病的レベルではないが、傾向として当てはまるなという場合も、自分自身の特性を知っておくことは、とても重要だ。それは、自分が陥りやすいワナや破綻しやすい状況を予測する手がかりとなり、それを予め知ることによって、取り返しのつかない失敗や発病を予防することができる。
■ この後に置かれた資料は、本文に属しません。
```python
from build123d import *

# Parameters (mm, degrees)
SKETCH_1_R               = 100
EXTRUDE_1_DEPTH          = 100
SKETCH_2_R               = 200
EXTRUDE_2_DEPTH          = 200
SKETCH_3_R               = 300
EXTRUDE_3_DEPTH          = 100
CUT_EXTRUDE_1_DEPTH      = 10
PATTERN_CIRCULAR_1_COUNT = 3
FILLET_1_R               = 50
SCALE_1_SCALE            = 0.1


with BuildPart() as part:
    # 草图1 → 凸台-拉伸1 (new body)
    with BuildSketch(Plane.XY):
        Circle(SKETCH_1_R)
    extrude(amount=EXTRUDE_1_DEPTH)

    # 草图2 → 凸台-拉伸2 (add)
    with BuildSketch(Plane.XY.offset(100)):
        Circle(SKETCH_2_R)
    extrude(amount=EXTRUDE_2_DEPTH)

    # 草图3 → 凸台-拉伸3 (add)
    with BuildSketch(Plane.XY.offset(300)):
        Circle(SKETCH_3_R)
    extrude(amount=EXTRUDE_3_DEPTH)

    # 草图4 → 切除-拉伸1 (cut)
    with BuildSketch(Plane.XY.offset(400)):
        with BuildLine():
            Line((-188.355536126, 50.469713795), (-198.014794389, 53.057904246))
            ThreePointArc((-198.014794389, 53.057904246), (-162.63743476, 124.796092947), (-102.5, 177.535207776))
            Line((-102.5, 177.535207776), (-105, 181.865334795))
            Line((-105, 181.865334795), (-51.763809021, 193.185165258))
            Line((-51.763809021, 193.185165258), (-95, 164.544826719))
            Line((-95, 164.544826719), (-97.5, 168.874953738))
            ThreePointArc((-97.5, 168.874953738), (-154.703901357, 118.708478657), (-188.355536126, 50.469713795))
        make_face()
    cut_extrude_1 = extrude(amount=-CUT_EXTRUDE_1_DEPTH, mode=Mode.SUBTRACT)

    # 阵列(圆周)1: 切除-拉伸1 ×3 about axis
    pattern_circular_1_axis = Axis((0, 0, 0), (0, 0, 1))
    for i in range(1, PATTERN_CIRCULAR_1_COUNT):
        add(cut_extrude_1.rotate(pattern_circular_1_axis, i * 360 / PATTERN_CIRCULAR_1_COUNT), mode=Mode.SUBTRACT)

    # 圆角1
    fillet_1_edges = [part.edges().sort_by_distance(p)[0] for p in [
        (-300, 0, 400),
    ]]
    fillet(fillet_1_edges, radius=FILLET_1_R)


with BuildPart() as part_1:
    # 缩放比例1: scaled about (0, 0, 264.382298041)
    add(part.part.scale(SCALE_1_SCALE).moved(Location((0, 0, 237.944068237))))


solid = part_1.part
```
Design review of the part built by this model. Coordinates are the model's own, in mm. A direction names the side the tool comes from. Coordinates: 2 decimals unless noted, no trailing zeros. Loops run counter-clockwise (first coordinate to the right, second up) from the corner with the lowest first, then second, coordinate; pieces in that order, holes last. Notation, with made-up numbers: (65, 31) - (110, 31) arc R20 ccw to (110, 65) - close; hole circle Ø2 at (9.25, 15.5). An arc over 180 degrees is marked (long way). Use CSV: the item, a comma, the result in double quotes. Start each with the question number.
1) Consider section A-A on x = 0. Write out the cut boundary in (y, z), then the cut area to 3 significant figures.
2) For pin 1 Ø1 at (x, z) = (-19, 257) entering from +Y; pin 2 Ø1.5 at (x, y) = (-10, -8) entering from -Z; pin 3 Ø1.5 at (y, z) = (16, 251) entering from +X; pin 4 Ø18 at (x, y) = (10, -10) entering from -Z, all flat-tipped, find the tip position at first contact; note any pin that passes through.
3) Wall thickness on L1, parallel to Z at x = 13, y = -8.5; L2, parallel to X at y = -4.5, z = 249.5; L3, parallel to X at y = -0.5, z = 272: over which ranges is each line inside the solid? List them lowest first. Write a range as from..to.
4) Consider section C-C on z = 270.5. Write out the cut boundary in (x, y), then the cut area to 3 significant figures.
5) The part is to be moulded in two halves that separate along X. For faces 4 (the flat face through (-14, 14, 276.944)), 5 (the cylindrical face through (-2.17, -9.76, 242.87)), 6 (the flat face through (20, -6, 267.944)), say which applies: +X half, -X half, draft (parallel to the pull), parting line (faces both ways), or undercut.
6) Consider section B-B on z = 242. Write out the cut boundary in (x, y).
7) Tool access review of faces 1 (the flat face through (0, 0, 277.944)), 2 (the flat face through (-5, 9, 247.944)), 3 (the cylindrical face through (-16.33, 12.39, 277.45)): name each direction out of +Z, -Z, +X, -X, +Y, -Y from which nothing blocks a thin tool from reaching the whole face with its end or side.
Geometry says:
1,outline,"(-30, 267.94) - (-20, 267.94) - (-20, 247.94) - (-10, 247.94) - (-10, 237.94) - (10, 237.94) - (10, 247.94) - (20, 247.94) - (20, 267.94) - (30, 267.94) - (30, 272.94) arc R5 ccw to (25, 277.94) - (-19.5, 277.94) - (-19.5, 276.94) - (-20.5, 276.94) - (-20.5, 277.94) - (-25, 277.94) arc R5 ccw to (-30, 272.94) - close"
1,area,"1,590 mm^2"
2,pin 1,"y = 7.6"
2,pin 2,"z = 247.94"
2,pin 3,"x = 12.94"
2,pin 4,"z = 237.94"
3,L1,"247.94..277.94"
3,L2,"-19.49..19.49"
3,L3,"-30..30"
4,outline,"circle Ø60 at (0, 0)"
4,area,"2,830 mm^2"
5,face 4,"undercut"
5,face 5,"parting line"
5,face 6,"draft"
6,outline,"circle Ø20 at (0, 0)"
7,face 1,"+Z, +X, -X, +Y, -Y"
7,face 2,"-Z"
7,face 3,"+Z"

中には、二つ、三つの診断基準に該当したという人もいるだろう。その場合も、特にショックを受ける必要はない。パーソナリティにしろ、パーソナリティ障害にしろ、一つの傾向にのみ限定されるということは、むしろ稀である。たいていは、二つか三つの傾向が同居していることが多い。中核的なパーソナリティや脇役的なパーソナリティが、前景に出たり、背景に引っ込んだりするのである。「性格は変わらない」という一般に信じられている事実とは裏腹に、年齢や環境によって、パーソナリティは、かなり変動することがわかっているが、自分の中にある、いくつかの要素を知っておくことは、自分の多面性を理解することにつながるだろう。
また本書で力を注いだのは、周囲にそういう人がいる場合の接し方や、自分自身で克服していく場合の指針について、できるだけ現実に活かせる形で、ポイントや避けるべきことなどについて具体的なアドバイスを記した点である。それあ、臨床的な経験から得た知恵である。参考にしてほしい。